Scale AKS clusters manually

Microsoft Azure Kubernetes Service, Part 3 Manually scaling AKS clusters

Via the Azure Kubernetes outstaffing Service, or AKS for short, we have already provided an application per container cluster in this workshop. We look at the scaling of Kubernetes clusters in general and AKS clusters in particular in this part.

Companies on the topic

Nodes and pods in a container cluster can be scaled quite easily by hand with the Azure Kubernetes Service.

(Image: Drilling / Microsoft)

The node pool is ready, our application currently consists of two pods for frontend and backend.

(Image: Drilling / Microsoft)

Similar to the second part of this series, let’s start again by showing the number and distribution of node pools and nodes in the cluster in order to control the connectivity of the AKS clusters created at that time. For this purpose, we set the kubectl command “get nodes” :

kubectl get nodes

Now we determine with the command …

kubectl get pods

… , how many pods our application consists of as well as the IDs of the respective pods together with the respective pod status.

Our Deployment consists of a Frontend and a Backend.

(Image: Drilling / Microsoft)

Furthermore, we could determine the status of our deployment at any time, this succeeds with the command:

kubectl get deployment

Now we want to look at the scaling options in AKS and try out some types of manual scaling. But we should also accumulate some background knowledge.

Scaling in Kubernetes and AKS

Since applications can grow beyond the capacity of a single pod, Kubernetes has automatic cluster scaling. This is based on adding compute resources.

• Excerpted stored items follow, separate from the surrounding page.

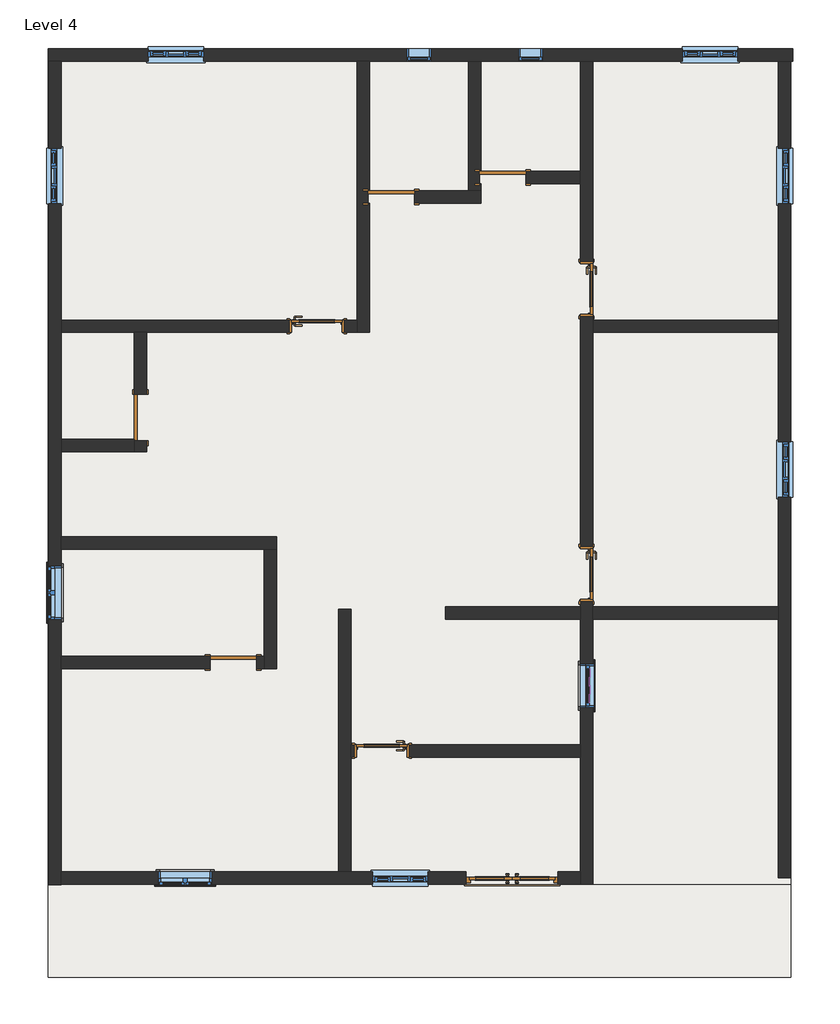
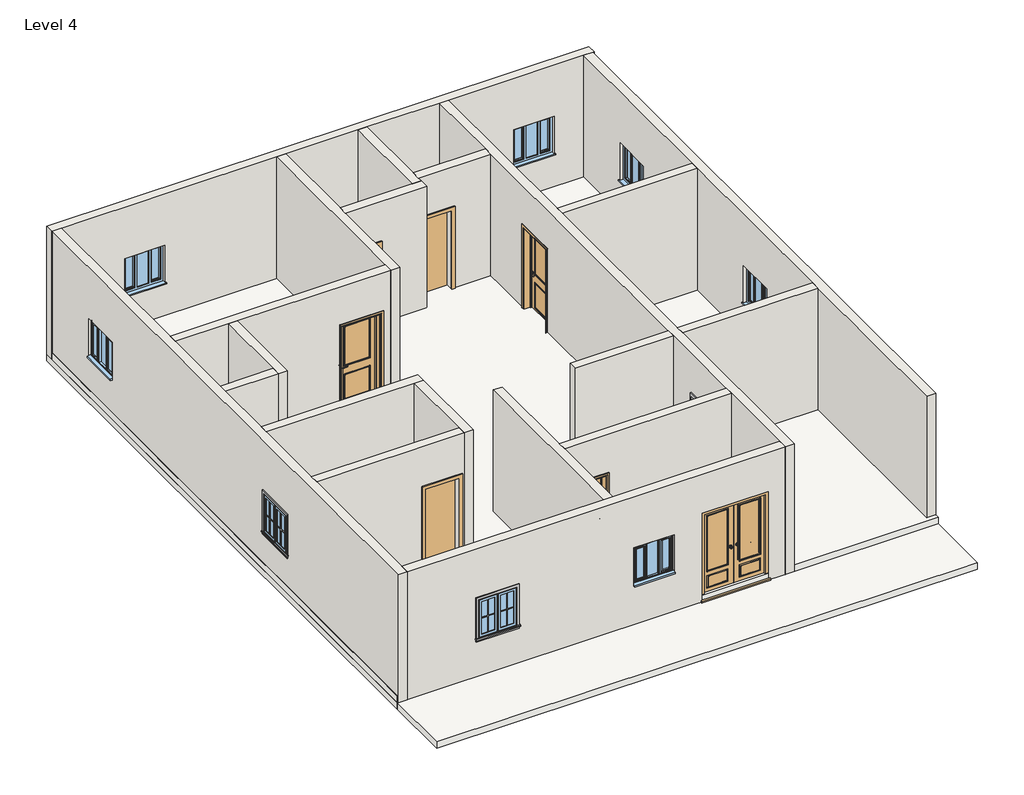
# One storey, incomplete: 19 walls, 12 proxies, 11 windows, 9 doors, 2 slabs, 1 roof.
"""IFC4 building model written with IfcOpenShell, lengths in millimetres."""

from ifc_helpers import new_model, si_unit, frame, origin, place, context, project, spatial, polyline, outline, extrude, faceted_brep, transform, mapped, element, save
from components import muntin_pattern_2x2_muntin_pattern_2x2_b3fe6957, muntin_pattern_2x2_muntin_pattern_2x2_3e0ecaf2, muntin_pattern_2x2_muntin_pattern_2x2_5f474966, trim_window_exterior_flat_with_sill_41619996, trim_window_exterior_flat_with_sill_68241f6a, trim_window_interior_flat_picture_frame_51c85655, trim_window_interior_flat_picture_frame_d3d93820, doors_extdbl_w_glazing_bars_2_1510x2110mm_e5cd3545, doors_extdbl_w_glazing_bars_2_1510x2110mm_b3535315, doors_intsgl_w_transome_910x2110mm_1071bad6, doors_intsgl_w_transome_910x2110mm_0d7ac49b, door_fadea3f2, door_53b1b562, window_085f26e1, window_c29befe5, window_4d695ea9, windows_tpl_plain_910x910mm_84e79c20

model = new_model("IFC4")

# Units and contexts
model_context = context("Model", 3, world=origin())
ifc_project = project(units=[si_unit("LENGTHUNIT", "METRE", prefix="MILLI")], contexts=[model_context])

# Site, building, storey
site = spatial("IfcSite", under=ifc_project)
building = spatial("IfcBuilding", under=site)
storey = spatial("IfcBuildingStorey", under=building, Name="Level 4", Elevation=9144.0)

# Proxies
placement = place(None, origin())
muntin_pattern_2x2_muntin_pattern_2x2_shape = muntin_pattern_2x2_muntin_pattern_2x2_b3fe6957(model_context)
element("IfcBuildingElementProxy", 1, Name="Muntin Pattern_2x2 : Muntin Pattern_2x2", ObjectType="Muntin Pattern_2x2 : Muntin Pattern_2x2", at=placement, inside=storey, context=model_context, shape_type="MappedRepresentation", body=[
    mapped(muntin_pattern_2x2_muntin_pattern_2x2_shape, transform((-4444.3565281, -6259.9254533, 10128.25), x_axis=(-1.0, 0.0, 0.0), y_axis=(0.0, -1.0, 0.0), z_axis=(0.0, 0.0, 1.0))),
])
element("IfcBuildingElementProxy", 2, Name="Muntin Pattern_2x2 : Muntin Pattern_2x2", ObjectType="Muntin Pattern_2x2 : Muntin Pattern_2x2", at=placement, inside=storey, context=model_context, shape_type="MappedRepresentation", body=[
    mapped(muntin_pattern_2x2_muntin_pattern_2x2_shape, transform((-6884.3440281, -1708.5629533, 10128.25), x_axis=(0.0, 1.0, 0.0), y_axis=(-1.0, 0.0, 0.0), z_axis=(0.0, 0.0, 1.0))),
])
muntin_pattern_2x2_muntin_pattern_2x2_2_shape = muntin_pattern_2x2_muntin_pattern_2x2_3e0ecaf2(model_context)
element("IfcBuildingElementProxy", 3, Name="Muntin Pattern_2x2 : Muntin Pattern_2x2", ObjectType="Muntin Pattern_2x2 : Muntin Pattern_2x2", at=placement, inside=storey, context=model_context, shape_type="MappedRepresentation", body=[
    mapped(muntin_pattern_2x2_muntin_pattern_2x2_2_shape, transform((-4872.9815281, -6259.9254533, 10128.25), x_axis=(1.0, 0.0, 0.0), y_axis=(0.0, 1.0, 0.0), z_axis=(0.0, 0.0, 1.0))),
])
element("IfcBuildingElementProxy", 4, Name="Muntin Pattern_2x2 : Muntin Pattern_2x2", ObjectType="Muntin Pattern_2x2 : Muntin Pattern_2x2", at=placement, inside=storey, context=model_context, shape_type="MappedRepresentation", body=[
    mapped(muntin_pattern_2x2_muntin_pattern_2x2_2_shape, transform((-6884.3440281, -1279.9379533, 10128.25), x_axis=(0.0, -1.0, 0.0), y_axis=(1.0, 0.0, 0.0), z_axis=(0.0, 0.0, 1.0))),
])
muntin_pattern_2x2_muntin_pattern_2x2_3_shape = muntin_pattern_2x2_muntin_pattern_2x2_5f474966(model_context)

By default, automatic cluster scaling checks the metric API server every ten seconds for a potentially required adjustment of the number of nodes. If scaling is required, the number of nodes in the AKS cluster is automatically increased or decreased. In addition, Kubernetes has a horizontal pod autoscaler (HPA) that scales based on metrics and works hand in hand with the cluster autoscaler.

Kubernetes uses horizontal automatic pod scaling to monitor resource requirements and to automatically scale the number of replicas. By default, horizontal automatic pod scaling checks the Metrics API every 30 seconds for required changes in replica count.

The scaling options in AKS.

(Image: Microsoft)

Generally, horizontal automatic pod scaling increases or reduces the number of pods as required by the application. Automatic cluster scaling, in turn, changes the number of nodes to meet the capacity requirement for additional pods. So if the number of application instances required changes, the number of underlying Kubernetes nodes may also need to be changed.

However, AKS admins can also manually scale the number of replicas (pods) and nodes at any time to test how the application responds to a change in available resources and status. With manual scaling, you can define and force a fixed number of resources to be used at any time, such as the number of nodes. For manual scaling, you define the number of replicas and/or nodes.

The Kubernetes API then plans to create additional pods or remove nodes based on this replica or node count. Specifically, when scaling nodes horizontally, the Kubernetes API calls the relevant Azure compute API that is bound to the compute type used by the cluster. For example, the AKS cluster could be based on VM Scale Sets, which determines the logic for selecting the nodes to be removed using the “VM Scale Sets”API.

Cooling the scaling of events

Since horizontal automatic pod scaling checks the metrics API every 30 seconds, scaling events may not be completed successfully before another check is performed. Thus, the horizontal automatic Pod scaling could change the number of replicas before a previous scaling event was able to receive a resource request and adjust accordingly.

To minimize such events, the admin can set a delay value. This value defines how long the horizontal automatic Pod, scaling a scaling event will have to wait before another scaling event can be triggered. This behavior allows the new replica count to take effect and the metrics API to reflect the distributed workload.

Manual scaling of pods.

(Image: Drilling / Microsoft)

Let’s now look at manual scaling with kubectl. We first increase the number of replicas to 2. For this we need the name of the deployment determined above:

kubectl scale --replicas=2 deployment/<Deployment Name>

We then check the result with

kubectl get pods

The manual Scaling of nodes.

(Image: Drilling / Microsoft)

Now we want to increase the number of nodes in the cluster. For this purpose, however, we use the AKS command level in the form of the command “az aks scale”.

az aks scale --resource-group <Name Ressource-Group> --name <Cluster Name> --node-count 2

We check the result again with the get command:

kubectl get nodes

Once again, we increase the number of replicas in the pod autoscaler.